中華まんに命が宿り、それを育てるというとんでもないストーリーである。
しかし「子育て」における苦悩が見事に描かれ、最後にはしっかり感動させられ、しかもそれが「インクレディブル・ファミリー」とのテーマとも繋がるという離れ業を決めてのけるのだ。
テーマとしては所謂「親不孝もの」ジャンルのエピソードで、こうしたことに心が動かされるのは万国共通なのだなと思ってしまう。
今までの短編の中では「ベイマックス」との同時上映「愛犬とごちそう」がフェイバリットだったが、「バオ」もまた大切な作品となった。
ここからは「インクレディブル・ファミリー」の感想に移るが、作品のあらすじやキャラクターの魅力などは、他に書いているブログがたくさんあるので、僕は作品のテーマについて深く掘り下げたい。
なので「作品のテーマがよくわからなかった」「テーマが薄かった」と思ったような方は是非読んでいただきたい。
ポルノファンの方はあの曲と重ねざるを得ないので、そこら辺も交えて書いていきたい。
表テーマ①「家族」
まず作品の中でメインとなるテーマが「家族」である。
ボブ(Mr.インクレディブル)はヒーローとしての、父親としての、家族としての尊厳を取り戻そうと悪戦苦闘する。
妻のヘレン(イラスティガール)の代わりに子どもたちの面倒をみるが、思春期真っ盛りのヴァイオレット、ヤンチャ盛りのダッシュ、そして今作で17種類ものパワーが覚醒するジャック・ジャック。
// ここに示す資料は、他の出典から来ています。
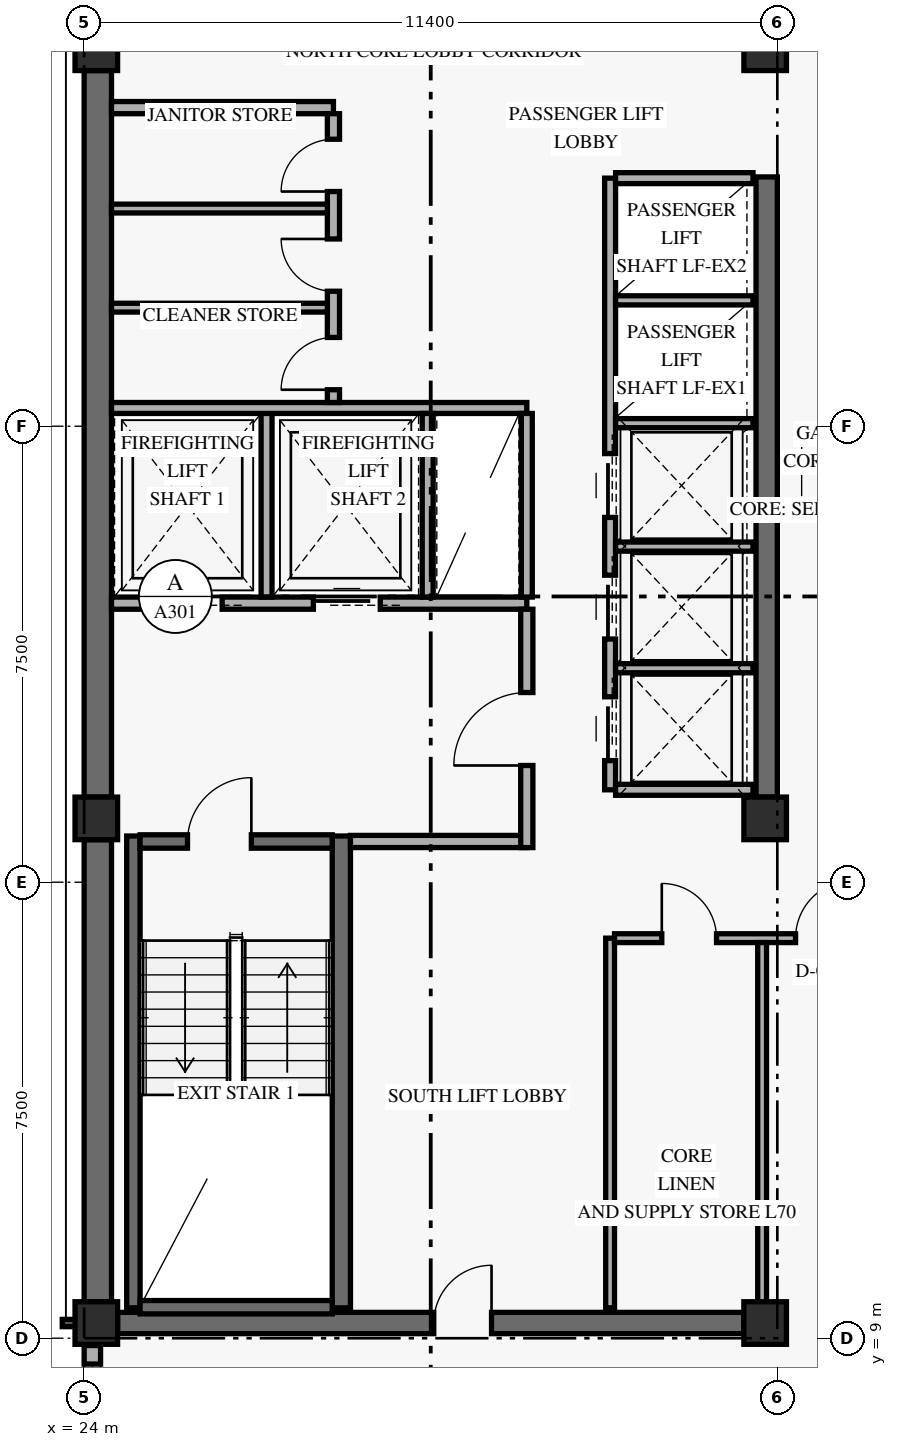
"""IFC4 building model, lengths in metres.
Left out: names, types, materials, properties, quantities, classifications, styles, units other than length and angle.
Written with IfcOpenShell. Run it as: python <this file> out.ifc"""

import sys

from ifc_helpers import new_model, si_unit, direction, frame, frame_2d, origin, origin_2d, place, context, subcontext, project, spatial, rectangle, extrude, element, fill, save


model = new_model("IFC4")
c1 = context("Model", 3, precision=1e-05, world=origin(), true_north=direction((0.0, 1.0)))
c2 = subcontext(c1, "Body", "Model", "MODEL_VIEW")
j1 = project(units=[si_unit("LENGTHUNIT", "METRE"), si_unit("PLANEANGLEUNIT", "RADIAN")], contexts=[c1])
p1 = place(None, origin())
s1 = spatial("IfcSite", under=j1, at=p1, CompositionType="ELEMENT")
p2 = place(p1, origin())
s2 = spatial("IfcBuilding", under=s1, at=p2, CompositionType="ELEMENT")
p3 = place(p2, frame((0.0, 0.0, 267.6)))
s3 = spatial("IfcBuildingStorey", under=s2, at=p3, CompositionType="ELEMENT", Elevation=267.6)
p4 = place(p3, frame((24.225, 9.6, 0.0), z_axis=(0.0, 0.0, 1.0), x_axis=(0.0, 1.0, 0.0)))
e1 = element("IfcWall", 1, at=p4, inside=s3, PredefinedType="SHEAR", context=c2, shape_type="SweptSolid", body=[
    extrude(rectangle(XDim=7.6, YDim=0.45, at=frame_2d((3.8, 0.0))), origin(), (0.0, 0.0, 1.0), 2.821),
])
p5 = place(p3, frame((24.225, 17.9, 0.0), z_axis=(0.0, 0.0, 1.0), x_axis=(0.0, 1.0, 0.0)))
e2 = element("IfcWall", 2, at=p5, inside=s3, PredefinedType="SHEAR", context=c2, shape_type="SweptSolid", body=[
    extrude(rectangle(XDim=11.95, YDim=0.45, at=frame_2d((5.975, 0.0))), origin(), (0.0, 0.0, 1.0), 2.821),
])
p6 = place(p3, frame((35.225, 17.9, 0.0), z_axis=(0.0, 0.0, 1.0), x_axis=(0.0, 1.0, 0.0)))
e3 = element("IfcWall", 3, at=p6, inside=s3, PredefinedType="SHEAR", context=c2, shape_type="SweptSolid", body=[
    extrude(rectangle(XDim=10.2, YDim=0.35, at=frame_2d((5.1, 0.0))), origin(), (0.0, 0.0, 1.0), 2.821),
])
p7 = place(p3, frame((24.55, 9.25, 0.0), z_axis=(0.0, 0.0, 1.0), x_axis=(1.0, 0.0, 0.0)))
e4 = element("IfcWall", 4, at=p7, inside=s3, PredefinedType="SHEAR", context=c2, shape_type="SweptSolid", body=[
    extrude(rectangle(XDim=10.3, YDim=0.35, at=frame_2d((5.15, 0.0))), origin(), (0.0, 0.0, 1.0), 3.36),
])
p8 = place(p7, frame((5.2, 0.0, 0.0)))
e5 = element("IfcOpeningElement", 5, at=p8, cuts=e4, PredefinedType="OPENING", context=c2, shape_type="SweptSolid", body=[
    extrude(rectangle(XDim=0.95, YDim=2.15, at=frame_2d((0.475, 1.075))), frame((0.0, 0.185, 0.0), z_axis=(0.0, -1.0, 0.0), x_axis=(1.0, 0.0, 0.0)), (0.0, 0.0, 1.0), 0.37),
])
p9 = place(p3, frame((24.81, 9.5, 0.0), z_axis=(0.0, 0.0, 1.0), x_axis=(0.0, 1.0, 0.0)))
e6 = element("IfcWall", 6, at=p9, inside=s3, PredefinedType="SHEAR", context=c2, shape_type="SweptSolid", body=[
    extrude(rectangle(XDim=7.76, YDim=0.22, at=frame_2d((3.88, 0.0))), origin(), (0.0, 0.0, 1.0), 3.36),
])
p10 = place(p3, frame((28.23, 9.5, 0.0), z_axis=(0.0, 0.0, 1.0), x_axis=(0.0, 1.0, 0.0)))
e7 = element("IfcWall", 7, at=p10, inside=s3, PredefinedType="SHEAR", context=c2, shape_type="SweptSolid", body=[
    extrude(rectangle(XDim=7.76, YDim=0.3, at=frame_2d((3.88, 0.0))), origin(), (0.0, 0.0, 1.0), 3.36),
])
p11 = place(p3, frame((24.92, 9.51, 0.0), z_axis=(0.0, 0.0, 1.0), x_axis=(1.0, 0.0, 0.0)))
e8 = element("IfcWall", 8, at=p11, inside=s3, PredefinedType="SHEAR", context=c2, shape_type="SweptSolid", body=[
    extrude(rectangle(XDim=3.16, YDim=0.22, at=frame_2d((1.58, 0.0))), origin(), (0.0, 0.0, 1.0), 3.36),
])
p12 = place(p3, frame((24.92, 17.17, 0.0), z_axis=(0.0, 0.0, 1.0), x_axis=(1.0, 0.0, 0.0)))
e9 = element("IfcWall", 9, at=p12, inside=s3, PredefinedType="SHEAR", context=c2, shape_type="SweptSolid", body=[
    extrude(rectangle(XDim=3.16, YDim=0.22, at=frame_2d((1.58, 0.0))), origin(), (0.0, 0.0, 1.0), 3.36),
])
p13 = place(p12, frame((0.78, 0.0, 0.0)))
e10 = element("IfcOpeningElement", 10, at=p13, cuts=e9, PredefinedType="OPENING", context=c2, shape_type="SweptSolid", body=[
    extrude(rectangle(XDim=1.05, YDim=2.15, at=frame_2d((0.525, 1.075))), frame((0.0, 0.12, 0.0), z_axis=(0.0, -1.0, 0.0), x_axis=(1.0, 0.0, 0.0)), (0.0, 0.0, 1.0), 0.24),
])
for number, where, z_axis, x_axis in (
    (11, (24.2, 9.25, 0.0), (0.0, 0.0, 1.0), (1.0, 0.0, 0.0)),
    (12, (24.2, 17.55, 0.0), (0.0, 0.0, 1.0), (1.0, 0.0, 0.0)),
    (13, (24.2, 30.2, 0.0), (0.0, 0.0, 1.0), (1.0, 0.0, 0.0)),
    (14, (35.2, 9.25, 0.0), (0.0, 0.0, 1.0), (1.0, 0.0, 0.0)),
    (15, (35.2, 17.55, 0.0), (0.0, 0.0, 1.0), (1.0, 0.0, 0.0)),
    (16, (35.2, 30.2, 0.0), (0.0, 0.0, 1.0), (1.0, 0.0, 0.0)),
):
    element("IfcColumn", number, at=place(p3, frame(where, z_axis=z_axis, x_axis=x_axis)), inside=s3, PredefinedType="COLUMN", context=c2, shape_type="SweptSolid", body=[
        extrude(rectangle(XDim=0.7, YDim=0.7, at=origin_2d()), origin(), (0.0, 0.0, 1.0), 3.6),
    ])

言うまでもないがイラスティガールの活躍は女性の社会進出を表している。ここ数年ディズニーがひた向きに描き続けてきた「強き女性」を象徴するように。
父親として家事と育児に励むボブだが、なかなか思うようにはいかない。
その姿は阿部寛が主夫として悪戦苦闘するドラマ「アットホーム・ダッド」を思い起こさせる。
大好きなドラマ。
世界のヒーローであるとともに、父親としてのヒーローでもいなければならない。
その狭間でボブは思い悩むことになる。
家族のシーンで強調されるのは「スーパーヒーローであっても普通の生活を送っている」というメッセージだ。
たとえばダッシュが算数の宿題に苦戦しているときにボブが手伝おうとするが「昔とやり方が違う!」と嘆く。
これもヒーローとしての在り方が昔と異なるってことを暗示している。
そつがなさすぎる。
表テーマ②「ヒーロー」
そしてもうひとつ大きな軸となるのが「ヒーロー」とはなんなのかというテーマだ。
冒頭のシークエンスで最終的に街を救いながらも、街の破壊の是非を問われるパー一家。これはアベンジャーズシリーズの「シビル・ウォー/キャプテン・アメリカ」で描かれてテーマでもある。
ヒーローの必要性を問い掛ける内容だ。
そんなテーマの悪役として登場するスクリーンスレイヴァーことイヴリン・ディーバー。
彼女の動機がそのまま直接的にテーマとメッセージにも直結している。
テクノロジーに依存し、人は考えることをやめてしまう。
ヒーローがいるから、人は強くなろうとしない
そんな考えから、イヴリンはスクリーンスレイヴァーとなるのだ。一作目が公開された14年前であれば、その言葉への説得力をどれだけ持たせることができただろうか。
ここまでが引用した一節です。